Babette inicia o banquete, as irmãs ao ver tudo aquilo decidem: “Não vão saborear nada da comida, vão focar nas palavras sagradas.”!

Ninguém nunca havia visto e comido nada igual, apenas um general tinha provado em Paris num restaurante famoso um banquete igual a este de Babette. Ele descobriu que ela era a chefe da cozinha do tal restaurante, ele, contou para todos da mesa; o que ouviu de um amigo em Paris:

“O general Galhinfer, que era o anfitrião naquela noite, nos explicou que essa mulher era capaz de transformar um jantar numa espécie de caso de amor, numa relação de paixão onde era difícil diferenciar o apetite físico do espiritual.”

Bem! Voltando a Tia Rosa..., a nossa anfitriã preparou uma mesa de iguarias inesquecíveis para acender os estímulos das redes de neurônios gustativos dos nossos cérebros, dentre todas as delícias, o figo em calda e o cristalizado, encontra uma gavetinha na memória para acomodar a doçura de cada um na lembrança.

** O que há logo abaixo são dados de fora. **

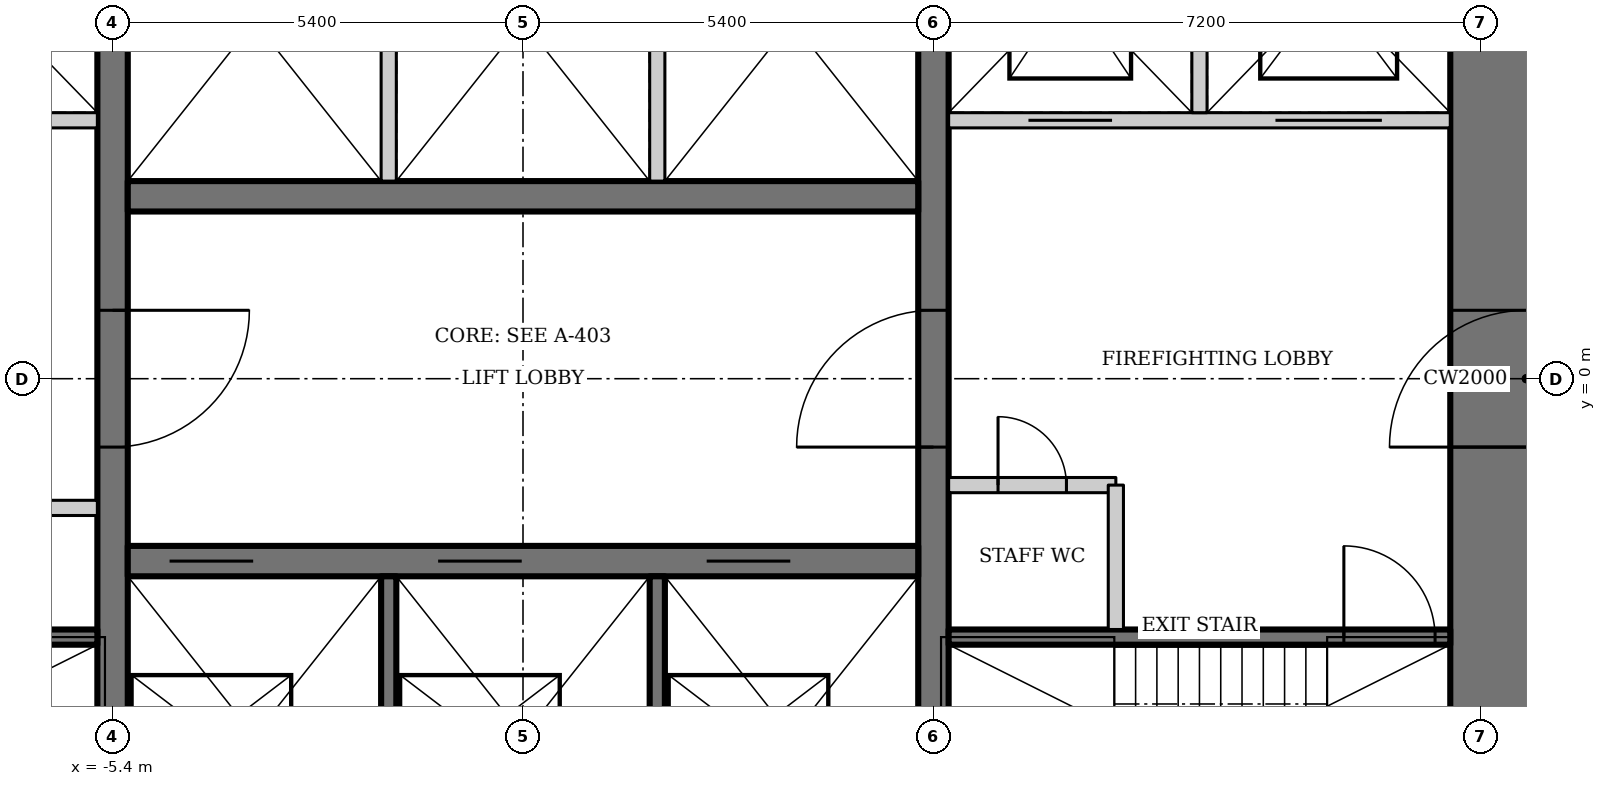
"""IFC4 building model, lengths in metres.
Left out: names, types, materials, properties, quantities, classifications, styles, units other than length and angle.
Written with IfcOpenShell. Run it as: python <this file> out.ifc"""

import sys

from ifc_helpers import new_model, si_unit, direction, frame, frame_2d, origin, place, context, subcontext, project, spatial, rectangle, extrude, element, fill, save


model = new_model("IFC4")
c1 = context("Model", 3, precision=1e-05, world=origin(), true_north=direction((0.0, 1.0)))
c2 = subcontext(c1, "Body", "Model", "MODEL_VIEW")
j1 = project(units=[si_unit("LENGTHUNIT", "METRE"), si_unit("PLANEANGLEUNIT", "RADIAN")], contexts=[c1])
p1 = place(None, origin())
s1 = spatial("IfcSite", under=j1, at=p1, CompositionType="ELEMENT")
p2 = place(p1, origin())
s2 = spatial("IfcBuilding", under=s1, at=p2, CompositionType="ELEMENT")
p3 = place(p2, frame((0.0, 0.0, 98.2)))
s3 = spatial("IfcBuildingStorey", under=s2, at=p3, CompositionType="ELEMENT", Elevation=98.2)
p4 = place(p3, frame((13.2, -13.0, 0.0), z_axis=(0.0, 0.0, 1.0), x_axis=(0.0, 1.0, 0.0)))
e1 = element("IfcWall", 1, at=p4, inside=s3, PredefinedType="SHEAR", context=c2, shape_type="SweptSolid", body=[
    extrude(rectangle(XDim=26.0, YDim=2.0, at=frame_2d((13.0, 0.0))), origin(), (0.0, 0.0, 1.0), 3.6),
])
p5 = place(p4, frame((12.1, 0.0, 0.0)))
e2 = element("IfcOpeningElement", 2, at=p5, cuts=e1, PredefinedType="OPENING", context=c2, shape_type="SweptSolid", body=[
    extrude(rectangle(XDim=1.8, YDim=2.1, at=frame_2d((0.9, 1.05))), frame((0.0, 1.01, 0.0), z_axis=(0.0, -1.0, 0.0), x_axis=(1.0, 0.0, 0.0)), (0.0, 0.0, 1.0), 2.02),
])
p6 = place(p3, frame((5.4, -6.8, 0.0), z_axis=(0.0, 0.0, 1.0), x_axis=(0.0, 1.0, 0.0)))
e3 = element("IfcWall", 3, at=p6, inside=s3, PredefinedType="SHEAR", context=c2, shape_type="SweptSolid", body=[
    extrude(rectangle(XDim=13.6, YDim=0.4, at=frame_2d((6.8, 0.0))), origin(), (0.0, 0.0, 1.0), 3.6),
])
p7 = place(p6, frame((5.9, 0.0, 0.0)))
e4 = element("IfcOpeningElement", 4, at=p7, cuts=e3, PredefinedType="OPENING", context=c2, shape_type="SweptSolid", body=[
    extrude(rectangle(XDim=1.8, YDim=2.1, at=frame_2d((0.9, 1.05))), frame((0.0, 0.21, 0.0), z_axis=(0.0, -1.0, 0.0), x_axis=(1.0, 0.0, 0.0)), (0.0, 0.0, 1.0), 0.42),
])
p8 = place(p3, frame((-5.4, 6.8, 0.0), z_axis=(0.0, 0.0, 1.0), x_axis=(0.0, -1.0, 0.0)))
e5 = element("IfcWall", 5, at=p8, inside=s3, PredefinedType="SHEAR", context=c2, shape_type="SweptSolid", body=[
    extrude(rectangle(XDim=13.6, YDim=0.4, at=frame_2d((6.8, 0.0))), origin(), (0.0, 0.0, 1.0), 3.6),
])
p9 = place(p8, frame((5.9, 0.0, 0.0)))
e6 = element("IfcOpeningElement", 6, at=p9, cuts=e5, PredefinedType="OPENING", context=c2, shape_type="SweptSolid", body=[
    extrude(rectangle(XDim=1.8, YDim=2.1, at=frame_2d((0.9, 1.05))), frame((0.0, 0.21, 0.0), z_axis=(0.0, -1.0, 0.0), x_axis=(1.0, 0.0, 0.0)), (0.0, 0.0, 1.0), 0.42),
])
p10 = place(p3, frame((-5.2, -2.4, 0.0), z_axis=(0.0, 0.0, 1.0), x_axis=(1.0, 0.0, 0.0)))
e7 = element("IfcWall", 7, at=p10, inside=s3, PredefinedType="SHEAR", context=c2, shape_type="SweptSolid", body=[
    extrude(rectangle(XDim=10.4, YDim=0.4, at=frame_2d((5.2, 0.0))), origin(), (0.0, 0.0, 1.0), 3.6),
])
p11 = place(p10, frame((0.55, 0.0, 0.0)))
e8 = element("IfcOpeningElement", 8, at=p11, cuts=e7, PredefinedType="OPENING", context=c2, shape_type="SweptSolid", body=[
    extrude(rectangle(XDim=1.1, YDim=2.2, at=frame_2d((0.55, 1.1))), frame((0.0, 0.21, 0.0), z_axis=(0.0, -1.0, 0.0), x_axis=(1.0, 0.0, 0.0)), (0.0, 0.0, 1.0), 0.42),
])
p12 = place(p10, frame((4.083, 0.0, 0.0)))
e9 = element("IfcOpeningElement", 9, at=p12, cuts=e7, PredefinedType="OPENING", context=c2, shape_type="SweptSolid", body=[
    extrude(rectangle(XDim=1.1, YDim=2.2, at=frame_2d((0.55, 1.1))), frame((0.0, 0.21, 0.0), z_axis=(0.0, -1.0, 0.0), x_axis=(1.0, 0.0, 0.0)), (0.0, 0.0, 1.0), 0.42),
])
p13 = place(p10, frame((7.617, 0.0, 0.0)))
e10 = element("IfcOpeningElement", 10, at=p13, cuts=e7, PredefinedType="OPENING", context=c2, shape_type="SweptSolid", body=[
    extrude(rectangle(XDim=1.1, YDim=2.2, at=frame_2d((0.55, 1.1))), frame((0.0, 0.21, 0.0), z_axis=(0.0, -1.0, 0.0), x_axis=(1.0, 0.0, 0.0)), (0.0, 0.0, 1.0), 0.42),
])
for number, where, z_axis, x_axis in (
    (11, (-1.767, -2.6, 0.0), (0.0, 0.0, 1.0), (0.0, -1.0, 0.0)),
    (12, (1.767, -2.6, 0.0), (0.0, 0.0, 1.0), (0.0, -1.0, 0.0)),
):
    element("IfcWall", number, at=place(p3, frame(where, z_axis=z_axis, x_axis=x_axis)), inside=s3, PredefinedType="SOLIDWALL", context=c2, shape_type="SweptSolid", body=[
        extrude(rectangle(XDim=4.2, YDim=0.2, at=frame_2d((2.1, 0.0))), origin(), (0.0, 0.0, 1.0), 3.6),
    ])
p14 = place(p3, frame((5.2, 2.4, 0.0), z_axis=(0.0, 0.0, 1.0), x_axis=(-1.0, 0.0, 0.0)))
e13 = element("IfcWall", 13, at=p14, inside=s3, PredefinedType="SHEAR", context=c2, shape_type="SweptSolid", body=[
    extrude(rectangle(XDim=10.4, YDim=0.4, at=frame_2d((5.2, 0.0))), origin(), (0.0, 0.0, 1.0), 3.6),
])
for number, where, z_axis, x_axis in (
    (14, (-1.767, 2.6, 0.0), (0.0, 0.0, 1.0), (0.0, 1.0, 0.0)),
    (15, (1.767, 2.6, 0.0), (0.0, 0.0, 1.0), (0.0, 1.0, 0.0)),
):
    element("IfcWall", number, at=place(p3, frame(where, z_axis=z_axis, x_axis=x_axis)), inside=s3, PredefinedType="SOLIDWALL", context=c2, shape_type="SweptSolid", body=[
        extrude(rectangle(XDim=4.2, YDim=0.2, at=frame_2d((2.1, 0.0))), origin(), (0.0, 0.0, 1.0), 3.6),
    ])
p15 = place(p3, frame((5.6, -3.4, 0.0), z_axis=(0.0, 0.0, 1.0), x_axis=(1.0, 0.0, 0.0)))
e16 = element("IfcWall", 16, at=p15, inside=s3, PredefinedType="SHEAR", context=c2, shape_type="SweptSolid", body=[
    extrude(rectangle(XDim=6.6, YDim=0.2, at=frame_2d((3.3, 0.0))), origin(), (0.0, 0.0, 1.0), 3.6),
])
p16 = place(p15, frame((5.2, 0.0, 0.0)))
e17 = element("IfcOpeningElement", 17, at=p16, cuts=e16, PredefinedType="OPENING", context=c2, shape_type="SweptSolid", body=[
    extrude(rectangle(XDim=1.2, YDim=2.1, at=frame_2d((0.6, 1.05))), frame((0.0, 0.11, 0.0), z_axis=(0.0, -1.0, 0.0), x_axis=(1.0, 0.0, 0.0)), (0.0, 0.0, 1.0), 0.22),
])
p17 = place(p3, frame((12.2, 3.4, 0.0), z_axis=(0.0, 0.0, 1.0), x_axis=(-1.0, 0.0, 0.0)))
e18 = element("IfcWall", 18, at=p17, inside=s3, PredefinedType="SOLIDWALL", context=c2, shape_type="SweptSolid", body=[
    extrude(rectangle(XDim=6.6, YDim=0.2, at=frame_2d((3.3, 0.0))), origin(), (0.0, 0.0, 1.0), 3.6),
])
p18 = place(p17, frame((4.45, 0.0, 0.0)))
e19 = element("IfcOpeningElement", 19, at=p18, cuts=e18, PredefinedType="OPENING", context=c2, shape_type="SweptSolid", body=[
    extrude(rectangle(XDim=1.1, YDim=2.2, at=frame_2d((0.55, 1.1))), frame((0.0, 0.11, 0.0), z_axis=(0.0, -1.0, 0.0), x_axis=(1.0, 0.0, 0.0)), (0.0, 0.0, 1.0), 0.22),
])
p19 = place(p17, frame((0.9, 0.0, 0.0)))
e20 = element("IfcOpeningElement", 20, at=p19, cuts=e18, PredefinedType="OPENING", context=c2, shape_type="SweptSolid", body=[
    extrude(rectangle(XDim=1.4, YDim=2.2, at=frame_2d((0.7, 1.1))), frame((0.0, 0.11, 0.0), z_axis=(0.0, -1.0, 0.0), x_axis=(1.0, 0.0, 0.0)), (0.0, 0.0, 1.0), 0.22),
])
p20 = place(p3, frame((8.9, 3.5, 0.0), z_axis=(0.0, 0.0, 1.0), x_axis=(0.0, 1.0, 0.0)))
e21 = element("IfcWall", 21, at=p20, inside=s3, PredefinedType="SOLIDWALL", context=c2, shape_type="SweptSolid", body=[
    extrude(rectangle(XDim=3.3, YDim=0.2, at=frame_2d((1.65, 0.0))), origin(), (0.0, 0.0, 1.0), 3.6),
])
p21 = place(p3, frame((-5.6, -3.4, 0.0), z_axis=(0.0, 0.0, 1.0), x_axis=(-1.0, 0.0, 0.0)))
e22 = element("IfcWall", 22, at=p21, inside=s3, PredefinedType="SHEAR", context=c2, shape_type="SweptSolid", body=[
    extrude(rectangle(XDim=6.6, YDim=0.2, at=frame_2d((3.3, 0.0))), origin(), (0.0, 0.0, 1.0), 3.6),
])
p22 = place(p21, frame((5.2, 0.0, 0.0)))
e23 = element("IfcOpeningElement", 23, at=p22, cuts=e22, PredefinedType="OPENING", context=c2, shape_type="SweptSolid", body=[
    extrude(rectangle(XDim=1.2, YDim=2.1, at=frame_2d((0.6, 1.05))), frame((0.0, 0.11, 0.0), z_axis=(0.0, -1.0, 0.0), x_axis=(1.0, 0.0, 0.0)), (0.0, 0.0, 1.0), 0.22),
])
p23 = place(p3, frame((-12.2, 3.4, 0.0), z_axis=(0.0, 0.0, 1.0), x_axis=(1.0, 0.0, 0.0)))
e24 = element("IfcWall", 24, at=p23, inside=s3, PredefinedType="SOLIDWALL", context=c2, shape_type="SweptSolid", body=[
    extrude(rectangle(XDim=6.6, YDim=0.2, at=frame_2d((3.3, 0.0))), origin(), (0.0, 0.0, 1.0), 3.6),
])
p24 = place(p23, frame((1.05, 0.0, 0.0)))
e25 = element("IfcOpeningElement", 25, at=p24, cuts=e24, PredefinedType="OPENING", context=c2, shape_type="SweptSolid", body=[
    extrude(rectangle(XDim=1.1, YDim=2.2, at=frame_2d((0.55, 1.1))), frame((0.0, 0.11, 0.0), z_axis=(0.0, -1.0, 0.0), x_axis=(1.0, 0.0, 0.0)), (0.0, 0.0, 1.0), 0.22),
])
p25 = place(p23, frame((4.3, 0.0, 0.0)))
e26 = element("IfcOpeningElement", 26, at=p25, cuts=e24, PredefinedType="OPENING", context=c2, shape_type="SweptSolid", body=[
    extrude(rectangle(XDim=1.4, YDim=2.2, at=frame_2d((0.7, 1.1))), frame((0.0, 0.11, 0.0), z_axis=(0.0, -1.0, 0.0), x_axis=(1.0, 0.0, 0.0)), (0.0, 0.0, 1.0), 0.22),
])
p26 = place(p3, frame((-5.6, -1.7, 0.0), z_axis=(0.0, 0.0, 1.0), x_axis=(-1.0, 0.0, 0.0)))
e27 = element("IfcWall", 27, at=p26, inside=s3, PredefinedType="SOLIDWALL", context=c2, shape_type="SweptSolid", body=[
    extrude(rectangle(XDim=3.2, YDim=0.2, at=frame_2d((1.6, 0.0))), origin(), (0.0, 0.0, 1.0), 3.45),
])
p27 = place(p26, frame((1.15, 0.0, 0.0)))
e28 = element("IfcOpeningElement", 28, at=p27, cuts=e27, PredefinedType="OPENING", context=c2, shape_type="SweptSolid", body=[
    extrude(rectangle(XDim=0.9, YDim=2.1, at=frame_2d((0.45, 1.05))), frame((0.0, 0.11, 0.0), z_axis=(0.0, -1.0, 0.0), x_axis=(1.0, 0.0, 0.0)), (0.0, 0.0, 1.0), 0.22),
])
p28 = place(p3, frame((5.6, -1.4, 0.0), z_axis=(0.0, 0.0, 1.0), x_axis=(1.0, 0.0, 0.0)))
e29 = element("IfcWall", 29, at=p28, inside=s3, PredefinedType="SOLIDWALL", context=c2, shape_type="SweptSolid", body=[
    extrude(rectangle(XDim=2.2, YDim=0.2, at=frame_2d((1.1, 0.0))), origin(), (0.0, 0.0, 1.0), 3.45),
])
p29 = place(p28, frame((0.65, 0.0, 0.0)))
e30 = element("IfcOpeningElement", 30, at=p29, cuts=e29, PredefinedType="OPENING", context=c2, shape_type="SweptSolid", body=[
    extrude(rectangle(XDim=0.9, YDim=2.1, at=frame_2d((0.45, 1.05))), frame((0.0, 0.11, 0.0), z_axis=(0.0, -1.0, 0.0), x_axis=(1.0, 0.0, 0.0)), (0.0, 0.0, 1.0), 0.22),
])
p30 = place(p3, frame((7.8, -1.4, 0.0), z_axis=(0.0, 0.0, 1.0), x_axis=(0.0, -1.0, 0.0)))
e31 = element("IfcWall", 31, at=p30, inside=s3, PredefinedType="SOLIDWALL", context=c2, shape_type="SweptSolid", body=[
    extrude(rectangle(XDim=1.9, YDim=0.2, at=frame_2d((0.95, 0.0))), origin(), (0.0, 0.0, 1.0), 3.45),
])
p31 = place(p29, origin())
e32 = element("IfcDoor", 32, at=p31, inside=s3, OperationType="SINGLE_SWING_LEFT", PredefinedType="DOOR", context=c2, shape_type="SweptSolid", body=[
    extrude(rectangle(XDim=0.9, YDim=2.1, at=frame_2d((0.45, 1.05))), frame((0.0, 0.025, 0.0), z_axis=(0.0, -1.0, 0.0), x_axis=(1.0, 0.0, 0.0)), (0.0, 0.0, 1.0), 0.05),
])
fill(e30, e32)
p32 = place(p7, origin())
e33 = element("IfcDoor", 33, at=p32, inside=s3, OperationType="DOUBLE_DOOR_DOUBLE_SWING", PredefinedType="DOOR", context=c2, shape_type="SweptSolid", body=[
    extrude(rectangle(XDim=1.8, YDim=2.1, at=frame_2d((0.9, 1.05))), frame((0.0, 0.025, 0.0), z_axis=(0.0, -1.0, 0.0), x_axis=(1.0, 0.0, 0.0)), (0.0, 0.0, 1.0), 0.05),
])
fill(e4, e33)
p33 = place(p9, origin())
e34 = element("IfcDoor", 34, at=p33, inside=s3, OperationType="DOUBLE_DOOR_DOUBLE_SWING", PredefinedType="DOOR", context=c2, shape_type="SweptSolid", body=[
    extrude(rectangle(XDim=1.8, YDim=2.1, at=frame_2d((0.9, 1.05))), frame((0.0, 0.025, 0.0), z_axis=(0.0, -1.0, 0.0), x_axis=(1.0, 0.0, 0.0)), (0.0, 0.0, 1.0), 0.05),
])
fill(e6, e34)
p34 = place(p16, origin())
e35 = element("IfcDoor", 35, at=p34, inside=s3, OperationType="SINGLE_SWING_RIGHT", PredefinedType="DOOR", context=c2, shape_type="SweptSolid", body=[
    extrude(rectangle(XDim=1.2, YDim=2.1, at=frame_2d((0.6, 1.05))), frame((0.0, 0.025, 0.0), z_axis=(0.0, -1.0, 0.0), x_axis=(1.0, 0.0, 0.0)), (0.0, 0.0, 1.0), 0.05),
])
fill(e17, e35)
p35 = place(p5, origin())
e36 = element("IfcDoor", 36, at=p35, inside=s3, OperationType="DOUBLE_DOOR_DOUBLE_SWING", PredefinedType="DOOR", context=c2, shape_type="SweptSolid", body=[
    extrude(rectangle(XDim=1.8, YDim=2.1, at=frame_2d((0.9, 1.05))), frame((0.0, 0.025, 0.0), z_axis=(0.0, -1.0, 0.0), x_axis=(1.0, 0.0, 0.0)), (0.0, 0.0, 1.0), 0.05),
])
fill(e2, e36)
p36 = place(p11, origin())
e37 = element("IfcDoor", 37, at=p36, inside=s3, OperationType="DOUBLE_DOOR_SLIDING", PredefinedType="DOOR", context=c2, shape_type="SweptSolid", body=[
    extrude(rectangle(XDim=1.1, YDim=2.2, at=frame_2d((0.55, 1.1))), frame((0.0, 0.025, 0.0), z_axis=(0.0, -1.0, 0.0), x_axis=(1.0, 0.0, 0.0)), (0.0, 0.0, 1.0), 0.05),
])
fill(e8, e37)
p37 = place(p12, origin())
e38 = element("IfcDoor", 38, at=p37, inside=s3, OperationType="DOUBLE_DOOR_SLIDING", PredefinedType="DOOR", context=c2, shape_type="SweptSolid", body=[
    extrude(rectangle(XDim=1.1, YDim=2.2, at=frame_2d((0.55, 1.1))), frame((0.0, 0.025, 0.0), z_axis=(0.0, -1.0, 0.0), x_axis=(1.0, 0.0, 0.0)), (0.0, 0.0, 1.0), 0.05),
])
fill(e9, e38)
p38 = place(p13, origin())
e39 = element("IfcDoor", 39, at=p38, inside=s3, OperationType="DOUBLE_DOOR_SLIDING", PredefinedType="DOOR", context=c2, shape_type="SweptSolid", body=[
    extrude(rectangle(XDim=1.1, YDim=2.2, at=frame_2d((0.55, 1.1))), frame((0.0, 0.025, 0.0), z_axis=(0.0, -1.0, 0.0), x_axis=(1.0, 0.0, 0.0)), (0.0, 0.0, 1.0), 0.05),
])
fill(e10, e39)
p39 = place(p18, origin())
e40 = element("IfcDoor", 40, at=p39, inside=s3, OperationType="DOUBLE_DOOR_SLIDING", PredefinedType="DOOR", context=c2, shape_type="SweptSolid", body=[
    extrude(rectangle(XDim=1.1, YDim=2.2, at=frame_2d((0.55, 1.1))), frame((0.0, 0.025, 0.0), z_axis=(0.0, -1.0, 0.0), x_axis=(1.0, 0.0, 0.0)), (0.0, 0.0, 1.0), 0.05),
])
fill(e19, e40)
p40 = place(p19, origin())
e41 = element("IfcDoor", 41, at=p40, inside=s3, OperationType="DOUBLE_DOOR_SLIDING", PredefinedType="DOOR", context=c2, shape_type="SweptSolid", body=[
    extrude(rectangle(XDim=1.4, YDim=2.2, at=frame_2d((0.7, 1.1))), frame((0.0, 0.025, 0.0), z_axis=(0.0, -1.0, 0.0), x_axis=(1.0, 0.0, 0.0)), (0.0, 0.0, 1.0), 0.05),
])
fill(e20, e41)
save(model, sys.argv[1])

Minha tia fazia a colheita dos frutos na figueira plantada no seu quintal, após, um processo de horas de trabalho na limpeza dos pelos, da retirada do leite dos figos verdes, horas de molho em substância salina, lavados..., para somente, depois de todo o processo ir a um tacho de cobre no fogão a lenha.

Dia destes encontrei com a filha da tia Rosa num destes encontros tristes levadas que fomos ao velório de minha tia Vally no cemitério em Santa Bárbara..., conversa vai e vem, contei para ela das minhas impressões sobre o figo da sua mãe. Espanto! Maria Luiza conta que levou a figueira para a sua chácara numa grande odisséia para salvar á arvore. Passados dezoito anos, ela esta mais viva do que nunca dando frutos. Dia destes, ela apareceu aqui em casa numa visita rápida e nos trouxe figos cristalizados e para agradecê-la escrevi no facebook:

“Querida e mais que amada prima: fiquei muito triste em não estar aqui em casa para abraçá-la, para agradecer a riqueza de presente que nos trouxe... tão delicioso tal qual o da sua mãe, a minha querida tia Rosa. Gosto de infância..., tão feliz. Vou guardar a minha parte para saborear aos poucos. Obrigada.Um beijo em todos da família.”

Neste momento em memória a tia Rosa e a todas as nossas tias estou comendo o último figo presenteado por minha prima Maria Luiza em homenagens a todas as “Babettes”, que passaram e passam fazendo a festa do nosso apetite memorial gastronômico, inclusive a da minha prima herdeira dos dons da sua mãe, uma culinarista de “mão cheia”!